Pada tanggal 1 Juni, setelah menyelesaikan operasinya di wilayah Jabalia di Gaza utara, tentara Israel maju lebih jauh ke Rafah di Gaza selatan. Para analis percaya bahwa langkah-langkah Israel ini dapat "mendinginkan" harapan akan prospek perdamaian di bawah rencana gencatan senjata baru yang baru-baru ini diumumkan oleh Presiden AS Joe Biden dan didukung oleh opini publik internasional.
Israel menekankan syarat-syarat untuk mengakhiri konflik tersebut.
Sebelumnya, pada 31 Mei, Presiden AS Joe Biden mengumumkan bahwa Israel telah mengajukan peta jalan menuju gencatan senjata komprehensif di Jalur Gaza sebagai imbalan atas pembebasan sandera. Proposal tersebut terdiri dari tiga fase, dimulai dengan gencatan senjata "penuh dan komprehensif" yang berlangsung selama enam minggu. Selama periode ini, pasukan Israel akan menarik diri dari Gaza, dan sandera – termasuk lansia, perempuan, dan yang terluka – akan ditukar dengan ratusan tahanan Palestina. Warga sipil Palestina akan kembali ke Gaza, termasuk Gaza utara, dan 600 truk yang membawa bantuan kemanusiaan akan memasuki wilayah Palestina setiap hari.
Pada fase kedua, Hamas dan Israel akan menegosiasikan persyaratan untuk mengakhiri permusuhan secara permanen. Presiden Joe Biden menegaskan bahwa gencatan senjata “akan tetap berlaku selama negosiasi berlanjut.” Fase ketiga akan mencakup rencana rekonstruksi besar-besaran untuk Gaza.
Segera setelah Washington mengumumkan proposal yang dianggap menguntungkan bagi Israel dan Palestina, serta keamanan jangka panjang kawasan tersebut, pada tanggal 1 Juni, Presiden Komisi Eropa Ursula von der Leyen, Menteri Luar Negeri Jerman Annalena Baerbock, dan Menteri Luar Negeri Inggris David Cameron menyambut baik proposal Israel tersebut, menyebutnya sebagai "kesempatan penting" untuk mengakhiri konflik. Menurut Reuters, dalam Dialog Shangri-La, Presiden terpilih Indonesia Prabowo Subianto mengatakan Indonesia siap mengirim pasukan penjaga perdamaian untuk menegakkan gencatan senjata di Gaza jika diminta.
Gerakan Islam Hamas juga mengeluarkan pernyataan yang menegaskan kes readinessannya untuk berpartisipasi “secara aktif dan konstruktif” dalam setiap usulan yang didasarkan pada gencatan senjata permanen di Gaza.
Namun, kantor Perdana Menteri Israel Benjamin Netanyahu menekankan bahwa konflik tersebut hanya akan berakhir ketika Israel mencapai semua tujuannya, termasuk pembebasan semua sandera dan penghancuran kemampuan dan peralatan militer Hamas.
Menurut Euronews, sementara pasukan Israel terus melancarkan serangan terhadap kota Rafah di Gaza selatan, para pejabat dari Mesir, AS, dan Israel diperkirakan akan bertemu di Kairo minggu depan untuk membahas rencana pembukaan kembali penyeberangan perbatasan Rafah.

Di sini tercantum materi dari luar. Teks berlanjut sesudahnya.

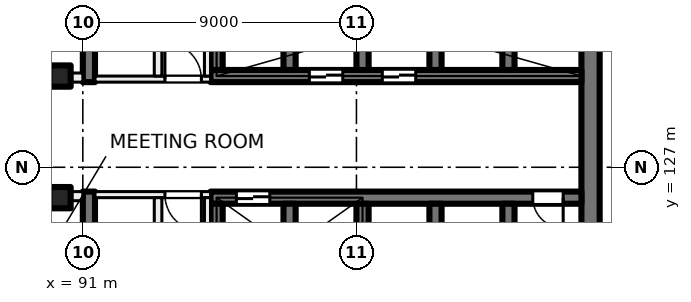
"""IFC4 building model, lengths in metres.
Left out: names, types, materials, properties, quantities, classifications, styles, units other than length and angle.
Written with IfcOpenShell. Run it as: python <this file> out.ifc"""

import sys

from ifc_helpers import new_model, si_unit, direction, frame, frame_2d, origin, origin_2d, place, context, subcontext, project, spatial, rectangle, extrude, element, fill, save


model = new_model("IFC4")
c1 = context("Model", 3, precision=1e-05, world=origin(), true_north=direction((0.0, 1.0)))
c2 = subcontext(c1, "Body", "Model", "MODEL_VIEW")
j1 = project(units=[si_unit("LENGTHUNIT", "METRE"), si_unit("PLANEANGLEUNIT", "RADIAN")], contexts=[c1])
p1 = place(None, origin())
s1 = spatial("IfcSite", under=j1, at=p1, CompositionType="ELEMENT")
p2 = place(p1, origin())
s2 = spatial("IfcBuilding", under=s1, at=p2, CompositionType="ELEMENT")
p3 = place(p2, frame((0.0, 0.0, 51.5)))
s3 = spatial("IfcBuildingStorey", under=s2, at=p3, CompositionType="ELEMENT", Elevation=51.5)
for number, where, z_axis, x_axis in (
    (1, (90.25, 130.0, 0.0), (0.0, 0.0, 1.0), (1.0, 0.0, 0.0)),
    (2, (90.25, 126.0, 0.0), (0.0, 0.0, 1.0), (1.0, 0.0, 0.0)),
):
    element("IfcColumn", number, at=place(p3, frame(where, z_axis=z_axis, x_axis=x_axis)), inside=s3, PredefinedType="COLUMN", context=c2, shape_type="SweptSolid", body=[
        extrude(rectangle(XDim=0.7, YDim=0.7, at=origin_2d()), origin(), (0.0, 0.0, 1.0), 4.0),
    ])
p4 = place(p3, frame((107.7, 135.2, 0.0), z_axis=(0.0, 0.0, 1.0), x_axis=(0.0, -1.0, 0.0)))
e3 = element("IfcWall", 3, at=p4, inside=s3, PredefinedType="SHEAR", context=c2, shape_type="SweptSolid", body=[
    extrude(rectangle(XDim=14.4, YDim=0.6, at=frame_2d((7.2, 0.0))), origin(), (0.0, 0.0, 1.0), 4.0),
])
p5 = place(p3, frame((107.4, 130.0, 0.0), z_axis=(0.0, 0.0, 1.0), x_axis=(-1.0, 0.0, 0.0)))
e4 = element("IfcWall", 4, at=p5, inside=s3, PredefinedType="SHEAR", context=c2, shape_type="SweptSolid", body=[
    extrude(rectangle(XDim=12.2, YDim=0.4, at=frame_2d((6.1, 0.0))), origin(), (0.0, 0.0, 1.0), 4.0),
])
p6 = place(p5, frame((5.45, 0.0, 0.0)))
e5 = element("IfcOpeningElement", 5, at=p6, cuts=e4, PredefinedType="OPENING", context=c2, shape_type="SweptSolid", body=[
    extrude(rectangle(XDim=1.1, YDim=2.1, at=frame_2d((0.55, 1.05))), frame((0.0, 0.21, 0.0), z_axis=(0.0, -1.0, 0.0), x_axis=(1.0, 0.0, 0.0)), (0.0, 0.0, 1.0), 0.42),
])
p7 = place(p5, frame((7.85, 0.0, 0.0)))
e6 = element("IfcOpeningElement", 6, at=p7, cuts=e4, PredefinedType="OPENING", context=c2, shape_type="SweptSolid", body=[
    extrude(rectangle(XDim=1.1, YDim=2.1, at=frame_2d((0.55, 1.05))), frame((0.0, 0.21, 0.0), z_axis=(0.0, -1.0, 0.0), x_axis=(1.0, 0.0, 0.0)), (0.0, 0.0, 1.0), 0.42),
])
for number, where, z_axis, x_axis in (
    (7, (105.0, 133.2, 0.0), (0.0, 0.0, 1.0), (0.0, -1.0, 0.0)),
    (8, (102.6, 133.2, 0.0), (0.0, 0.0, 1.0), (0.0, -1.0, 0.0)),
    (9, (100.2, 133.2, 0.0), (0.0, 0.0, 1.0), (0.0, -1.0, 0.0)),
    (10, (97.8, 133.2, 0.0), (0.0, 0.0, 1.0), (0.0, -1.0, 0.0)),
    (11, (95.4, 133.2, 0.0), (0.0, 0.0, 1.0), (0.0, -1.0, 0.0)),
):
    element("IfcWall", number, at=place(p3, frame(where, z_axis=z_axis, x_axis=x_axis)), inside=s3, PredefinedType="SHEAR", context=c2, shape_type="SweptSolid", body=[
        extrude(rectangle(XDim=3.0, YDim=0.4, at=frame_2d((1.5, 0.0))), origin(), (0.0, 0.0, 1.0), 4.0),
    ])
p8 = place(p3, frame((107.4, 126.0, 0.0), z_axis=(0.0, 0.0, 1.0), x_axis=(-1.0, 0.0, 0.0)))
e12 = element("IfcWall", 12, at=p8, inside=s3, PredefinedType="SHEAR", context=c2, shape_type="SweptSolid", body=[
    extrude(rectangle(XDim=12.2, YDim=0.4, at=frame_2d((6.1, 0.0))), origin(), (0.0, 0.0, 1.0), 4.0),
])
p9 = place(p8, frame((10.25, 0.0, 0.0)))
e13 = element("IfcOpeningElement", 13, at=p9, cuts=e12, PredefinedType="OPENING", context=c2, shape_type="SweptSolid", body=[
    extrude(rectangle(XDim=1.1, YDim=2.1, at=frame_2d((0.55, 1.05))), frame((0.0, 0.21, 0.0), z_axis=(0.0, -1.0, 0.0), x_axis=(1.0, 0.0, 0.0)), (0.0, 0.0, 1.0), 0.42),
])
p10 = place(p8, frame((0.6, 0.0, 0.0)))
e14 = element("IfcOpeningElement", 14, at=p10, cuts=e12, PredefinedType="OPENING", context=c2, shape_type="SweptSolid", body=[
    extrude(rectangle(XDim=1.0, YDim=2.1, at=frame_2d((0.5, 1.05))), frame((0.0, 0.21, 0.0), z_axis=(0.0, -1.0, 0.0), x_axis=(1.0, 0.0, 0.0)), (0.0, 0.0, 1.0), 0.42),
])
for number, where, z_axis, x_axis in (
    (15, (105.0, 125.8, 0.0), (0.0, 0.0, 1.0), (0.0, -1.0, 0.0)),
    (16, (102.6, 125.8, 0.0), (0.0, 0.0, 1.0), (0.0, -1.0, 0.0)),
    (17, (100.2, 125.8, 0.0), (0.0, 0.0, 1.0), (0.0, -1.0, 0.0)),
    (18, (97.8, 125.8, 0.0), (0.0, 0.0, 1.0), (0.0, -1.0, 0.0)),
    (19, (95.4, 125.8, 0.0), (0.0, 0.0, 1.0), (0.0, -1.0, 0.0)),
):
    element("IfcWall", number, at=place(p3, frame(where, z_axis=z_axis, x_axis=x_axis)), inside=s3, PredefinedType="SHEAR", context=c2, shape_type="SweptSolid", body=[
        extrude(rectangle(XDim=3.0, YDim=0.4, at=frame_2d((1.5, 0.0))), origin(), (0.0, 0.0, 1.0), 4.0),
    ])
for number, where, z_axis, x_axis in (
    (20, (91.2, 138.4, 0.0), (0.0, 0.0, 1.0), (0.0, -1.0, 0.0)),
    (21, (91.2, 126.2, 0.0), (0.0, 0.0, 1.0), (0.0, -1.0, 0.0)),
):
    element("IfcWall", number, at=place(p3, frame(where, z_axis=z_axis, x_axis=x_axis)), inside=s3, PredefinedType="SHEAR", context=c2, shape_type="SweptSolid", body=[
        extrude(rectangle(XDim=8.6, YDim=0.4, at=frame_2d((4.3, 0.0))), origin(), (0.0, 0.0, 1.0), 4.0),
    ])
p11 = place(p3, frame((95.2, 126.1, 0.0), z_axis=(0.0, 0.0, 1.0), x_axis=(-1.0, 0.0, 0.0)))
e22 = element("IfcWall", 22, at=p11, inside=s3, PredefinedType="PARTITIONING", context=c2, shape_type="SweptSolid", body=[
    extrude(rectangle(XDim=3.8, YDim=0.2, at=frame_2d((1.9, 0.0))), origin(), (0.0, 0.0, 1.0), 3.625),
])
p12 = place(p11, frame((0.3, 0.0, 0.0)))
e23 = element("IfcOpeningElement", 23, at=p12, cuts=e22, PredefinedType="OPENING", context=c2, shape_type="SweptSolid", body=[
    extrude(rectangle(XDim=1.2, YDim=2.1, at=frame_2d((0.6, 1.05))), frame((0.0, 0.11, 0.0), z_axis=(0.0, -1.0, 0.0), x_axis=(1.0, 0.0, 0.0)), (0.0, 0.0, 1.0), 0.22),
])
p13 = place(p3, frame((95.1, 117.6, 0.0), z_axis=(0.0, 0.0, 1.0), x_axis=(0.0, 1.0, 0.0)))
e24 = element("IfcWall", 24, at=p13, inside=s3, PredefinedType="PARTITIONING", context=c2, shape_type="SweptSolid", body=[
    extrude(rectangle(XDim=8.4, YDim=0.2, at=frame_2d((4.2, 0.0))), origin(), (0.0, 0.0, 1.0), 3.625),
])
p14 = place(p13, frame((1.65, 0.0, 0.0)))
e25 = element("IfcOpeningElement", 25, at=p14, cuts=e24, PredefinedType="OPENING", context=c2, shape_type="SweptSolid", body=[
    extrude(rectangle(XDim=1.5, YDim=2.1, at=frame_2d((0.75, 1.05))), frame((0.0, 0.11, 0.0), z_axis=(0.0, -1.0, 0.0), x_axis=(1.0, 0.0, 0.0)), (0.0, 0.0, 1.0), 0.22),
])
p15 = place(p3, frame((93.475, 117.6, 0.0), z_axis=(0.0, 0.0, 1.0), x_axis=(0.0, 1.0, 0.0)))
e26 = element("IfcWall", 26, at=p15, inside=s3, PredefinedType="PARTITIONING", context=c2, shape_type="SweptSolid", body=[
    extrude(rectangle(XDim=8.4, YDim=0.25, at=frame_2d((4.2, 0.0))), origin(), (0.0, 0.0, 1.0), 3.625),
])
p16 = place(p15, frame((6.625, 0.0, 0.0)))
e27 = element("IfcOpeningElement", 27, at=p16, cuts=e26, PredefinedType="OPENING", context=c2, shape_type="SweptSolid", body=[
    extrude(rectangle(XDim=0.8, YDim=2.1, at=frame_2d((0.4, 1.05))), frame((0.0, 0.135, 0.0), z_axis=(0.0, -1.0, 0.0), x_axis=(1.0, 0.0, 0.0)), (0.0, 0.0, 1.0), 0.27),
])
p17 = place(p15, frame((2.375, 0.0, 0.0)))
e28 = element("IfcOpeningElement", 28, at=p17, cuts=e26, PredefinedType="OPENING", context=c2, shape_type="SweptSolid", body=[
    extrude(rectangle(XDim=0.8, YDim=2.1, at=frame_2d((0.4, 1.05))), frame((0.0, 0.135, 0.0), z_axis=(0.0, -1.0, 0.0), x_axis=(1.0, 0.0, 0.0)), (0.0, 0.0, 1.0), 0.27),
])
p18 = place(p3, frame((91.4, 129.9, 0.0), z_axis=(0.0, 0.0, 1.0), x_axis=(1.0, 0.0, 0.0)))
e29 = element("IfcWall", 29, at=p18, inside=s3, PredefinedType="PARTITIONING", context=c2, shape_type="SweptSolid", body=[
    extrude(rectangle(XDim=3.8, YDim=0.2, at=frame_2d((1.9, 0.0))), origin(), (0.0, 0.0, 1.0), 3.625),
])
p19 = place(p18, frame((2.3, 0.0, 0.0)))
e30 = element("IfcOpeningElement", 30, at=p19, cuts=e29, PredefinedType="OPENING", context=c2, shape_type="SweptSolid", body=[
    extrude(rectangle(XDim=1.2, YDim=2.1, at=frame_2d((0.6, 1.05))), frame((0.0, 0.11, 0.0), z_axis=(0.0, -1.0, 0.0), x_axis=(1.0, 0.0, 0.0)), (0.0, 0.0, 1.0), 0.22),
])
p20 = place(p3, frame((95.1, 130.0, 0.0), z_axis=(0.0, 0.0, 1.0), x_axis=(0.0, 1.0, 0.0)))
e31 = element("IfcWall", 31, at=p20, inside=s3, PredefinedType="PARTITIONING", context=c2, shape_type="SweptSolid", body=[
    extrude(rectangle(XDim=8.4, YDim=0.2, at=frame_2d((4.2, 0.0))), origin(), (0.0, 0.0, 1.0), 3.625),
])
p21 = place(p20, frame((5.25, 0.0, 0.0)))
e32 = element("IfcOpeningElement", 32, at=p21, cuts=e31, PredefinedType="OPENING", context=c2, shape_type="SweptSolid", body=[
    extrude(rectangle(XDim=1.5, YDim=2.1, at=frame_2d((0.75, 1.05))), frame((0.0, 0.11, 0.0), z_axis=(0.0, -1.0, 0.0), x_axis=(1.0, 0.0, 0.0)), (0.0, 0.0, 1.0), 0.22),
])
p22 = place(p3, frame((93.475, 130.0, 0.0), z_axis=(0.0, 0.0, 1.0), x_axis=(0.0, 1.0, 0.0)))
e33 = element("IfcWall", 33, at=p22, inside=s3, PredefinedType="PARTITIONING", context=c2, shape_type="SweptSolid", body=[
    extrude(rectangle(XDim=8.4, YDim=0.25, at=frame_2d((4.2, 0.0))), origin(), (0.0, 0.0, 1.0), 3.625),
])
p23 = place(p22, frame((0.875, 0.0, 0.0)))
e34 = element("IfcOpeningElement", 34, at=p23, cuts=e33, PredefinedType="OPENING", context=c2, shape_type="SweptSolid", body=[
    extrude(rectangle(XDim=1.0, YDim=2.1, at=frame_2d((0.5, 1.05))), frame((0.0, 0.135, 0.0), z_axis=(0.0, -1.0, 0.0), x_axis=(1.0, 0.0, 0.0)), (0.0, 0.0, 1.0), 0.27),
])
p24 = place(p22, frame((5.225, 0.0, 0.0)))
e35 = element("IfcOpeningElement", 35, at=p24, cuts=e33, PredefinedType="OPENING", context=c2, shape_type="SweptSolid", body=[
    extrude(rectangle(XDim=0.8, YDim=2.1, at=frame_2d((0.4, 1.05))), frame((0.0, 0.135, 0.0), z_axis=(0.0, -1.0, 0.0), x_axis=(1.0, 0.0, 0.0)), (0.0, 0.0, 1.0), 0.27),
])
p25 = place(p3, frame((72.5, 129.95, 0.0), z_axis=(0.0, 0.0, 1.0), x_axis=(1.0, 0.0, 0.0)))
e36 = element("IfcWall", 36, at=p25, inside=s3, PredefinedType="PARTITIONING", context=c2, shape_type="SweptSolid", body=[
    extrude(rectangle(XDim=18.5, YDim=0.3, at=frame_2d((9.25, 0.0))), origin(), (0.0, 0.0, 1.0), 3.625),
])
p26 = place(p25, frame((2.275, 0.0, 0.0)))
e37 = element("IfcOpeningElement", 37, at=p26, cuts=e36, PredefinedType="OPENING", context=c2, shape_type="SweptSolid", body=[
    extrude(rectangle(XDim=1.2, YDim=2.1, at=frame_2d((0.6, 1.05))), frame((0.0, 0.16, 0.0), z_axis=(0.0, -1.0, 0.0), x_axis=(1.0, 0.0, 0.0)), (0.0, 0.0, 1.0), 0.32),
])
p27 = place(p25, frame((11.225, 0.0, 0.0)))
e38 = element("IfcOpeningElement", 38, at=p27, cuts=e36, PredefinedType="OPENING", context=c2, shape_type="SweptSolid", body=[
    extrude(rectangle(XDim=1.8, YDim=2.1, at=frame_2d((0.9, 1.05))), frame((0.0, 0.16, 0.0), z_axis=(0.0, -1.0, 0.0), x_axis=(1.0, 0.0, 0.0)), (0.0, 0.0, 1.0), 0.32),
])
p28 = place(p3, frame((91.0, 126.05, 0.0), z_axis=(0.0, 0.0, 1.0), x_axis=(-1.0, 0.0, 0.0)))
e39 = element("IfcWall", 39, at=p28, inside=s3, PredefinedType="PARTITIONING", context=c2, shape_type="SweptSolid", body=[
    extrude(rectangle(XDim=43.785, YDim=0.3, at=frame_2d((21.893, 0.0))), origin(), (0.0, 0.0, 1.0), 3.625),
])
p29 = place(p28, frame((2.025, 0.0, 0.0)))
e40 = element("IfcOpeningElement", 40, at=p29, cuts=e39, PredefinedType="OPENING", context=c2, shape_type="SweptSolid", body=[
    extrude(rectangle(XDim=1.2, YDim=2.1, at=frame_2d((0.6, 1.05))), frame((0.0, 0.16, 0.0), z_axis=(0.0, -1.0, 0.0), x_axis=(1.0, 0.0, 0.0)), (0.0, 0.0, 1.0), 0.32),
])
p30 = place(p28, frame((6.9, 0.0, 0.0)))
e41 = element("IfcOpeningElement", 41, at=p30, cuts=e39, PredefinedType="OPENING", context=c2, shape_type="SweptSolid", body=[
    extrude(rectangle(XDim=1.2, YDim=2.1, at=frame_2d((0.6, 1.05))), frame((0.0, 0.16, 0.0), z_axis=(0.0, -1.0, 0.0), x_axis=(1.0, 0.0, 0.0)), (0.0, 0.0, 1.0), 0.32),
])
p31 = place(p28, frame((15.6, 0.0, 0.0)))
e42 = element("IfcOpeningElement", 42, at=p31, cuts=e39, PredefinedType="OPENING", context=c2, shape_type="SweptSolid", body=[
    extrude(rectangle(XDim=1.8, YDim=2.1, at=frame_2d((0.9, 1.05))), frame((0.0, 0.16, 0.0), z_axis=(0.0, -1.0, 0.0), x_axis=(1.0, 0.0, 0.0)), (0.0, 0.0, 1.0), 0.32),
])
p32 = place(p28, frame((39.296, 0.0, 0.0)))
e43 = element("IfcOpeningElement", 43, at=p32, cuts=e39, PredefinedType="OPENING", context=c2, shape_type="SweptSolid", body=[
    extrude(rectangle(XDim=1.8, YDim=2.1, at=frame_2d((0.9, 1.05))), frame((0.0, 0.16, 0.0), z_axis=(0.0, -1.0, 0.0), x_axis=(1.0, 0.0, 0.0)), (0.0, 0.0, 1.0), 0.32),
])
p33 = place(p9, origin())
e44 = element("IfcDoor", 44, at=p33, inside=s3, OperationType="DOUBLE_DOOR_SLIDING", PredefinedType="DOOR", context=c2, shape_type="SweptSolid", body=[
    extrude(rectangle(XDim=1.1, YDim=2.1, at=frame_2d((0.55, 1.05))), frame((0.0, 0.025, 0.0), z_axis=(0.0, -1.0, 0.0), x_axis=(1.0, 0.0, 0.0)), (0.0, 0.0, 1.0), 0.05),
])
fill(e13, e44)
p34 = place(p6, origin())
e45 = element("IfcDoor", 45, at=p34, inside=s3, OperationType="DOUBLE_DOOR_SLIDING", PredefinedType="DOOR", context=c2, shape_type="SweptSolid", body=[
    extrude(rectangle(XDim=1.1, YDim=2.1, at=frame_2d((0.55, 1.05))), frame((0.0, 0.025, 0.0), z_axis=(0.0, -1.0, 0.0), x_axis=(1.0, 0.0, 0.0)), (0.0, 0.0, 1.0), 0.05),
])
fill(e5, e45)
p35 = place(p7, origin())
e46 = element("IfcDoor", 46, at=p35, inside=s3, OperationType="DOUBLE_DOOR_SLIDING", PredefinedType="DOOR", context=c2, shape_type="SweptSolid", body=[
    extrude(rectangle(XDim=1.1, YDim=2.1, at=frame_2d((0.55, 1.05))), frame((0.0, 0.025, 0.0), z_axis=(0.0, -1.0, 0.0), x_axis=(1.0, 0.0, 0.0)), (0.0, 0.0, 1.0), 0.05),
])
fill(e6, e46)
p36 = place(p10, origin())
e47 = element("IfcDoor", 47, at=p36, inside=s3, OperationType="SINGLE_SWING_LEFT", PredefinedType="DOOR", context=c2, shape_type="SweptSolid", body=[
    extrude(rectangle(XDim=1.0, YDim=2.1, at=frame_2d((0.5, 1.05))), frame((0.0, 0.025, 0.0), z_axis=(0.0, -1.0, 0.0), x_axis=(1.0, 0.0, 0.0)), (0.0, 0.0, 1.0), 0.05),
])
fill(e14, e47)
p37 = place(p12, origin())
e48 = element("IfcDoor", 48, at=p37, inside=s3, OperationType="DOUBLE_DOOR_SINGLE_SWING", PredefinedType="DOOR", context=c2, shape_type="SweptSolid", body=[
    extrude(rectangle(XDim=1.2, YDim=2.1, at=frame_2d((0.6, 1.05))), frame((0.0, 0.025, 0.0), z_axis=(0.0, -1.0, 0.0), x_axis=(1.0, 0.0, 0.0)), (0.0, 0.0, 1.0), 0.05),
])
fill(e23, e48)
p38 = place(p19, origin())
e49 = element("IfcDoor", 49, at=p38, inside=s3, OperationType="DOUBLE_DOOR_SINGLE_SWING", PredefinedType="DOOR", context=c2, shape_type="SweptSolid", body=[
    extrude(rectangle(XDim=1.2, YDim=2.1, at=frame_2d((0.6, 1.05))), frame((0.0, 0.025, 0.0), z_axis=(0.0, -1.0, 0.0), x_axis=(1.0, 0.0, 0.0)), (0.0, 0.0, 1.0), 0.05),
])
fill(e30, e49)
save(model, sys.argv[1])

Memberdayakan Palestina dalam kerangka WHO
Dalam perkembangan lain, pada sesi ke-77 Majelis Kesehatan Dunia (WHA), negara-negara dengan suara bulat memilih untuk mengadopsi rancangan resolusi yang memberikan otonomi lebih besar kepada Palestina di dalam Organisasi Kesehatan Dunia (WHO), serupa dengan langkah sebelumnya oleh Majelis Umum Perserikatan Bangsa-Bangsa.
Rancangan resolusi, yang diajukan oleh kelompok yang sebagian besar terdiri dari negara-negara Arab dan Muslim bersama dengan Tiongkok, Nikaragua, dan Venezuela, menyerukan agar Palestina – yang memegang status pengamat di WHO – diberikan hampir semua hak anggota penuh. Pada hari yang sama, sesi ke-77 Majelis Kesehatan Dunia (WHA) juga mengadopsi resolusi yang mendesak WHO untuk bertindak mengatasi kebutuhan kesehatan yang semakin meningkat di Jalur Gaza. Menurut beberapa sumber, negara-negara anggota WHO memberikan suara mayoritas untuk mendukung rancangan resolusi yang menyerukan konferensi pendanaan tentang kebutuhan kesehatan di wilayah Palestina, dan merekomendasikan pelaporan lebih lanjut tentang situasi "bencana" di Gaza dan "penghancuran tanpa provokasi" Israel terhadap "fasilitas kesehatan."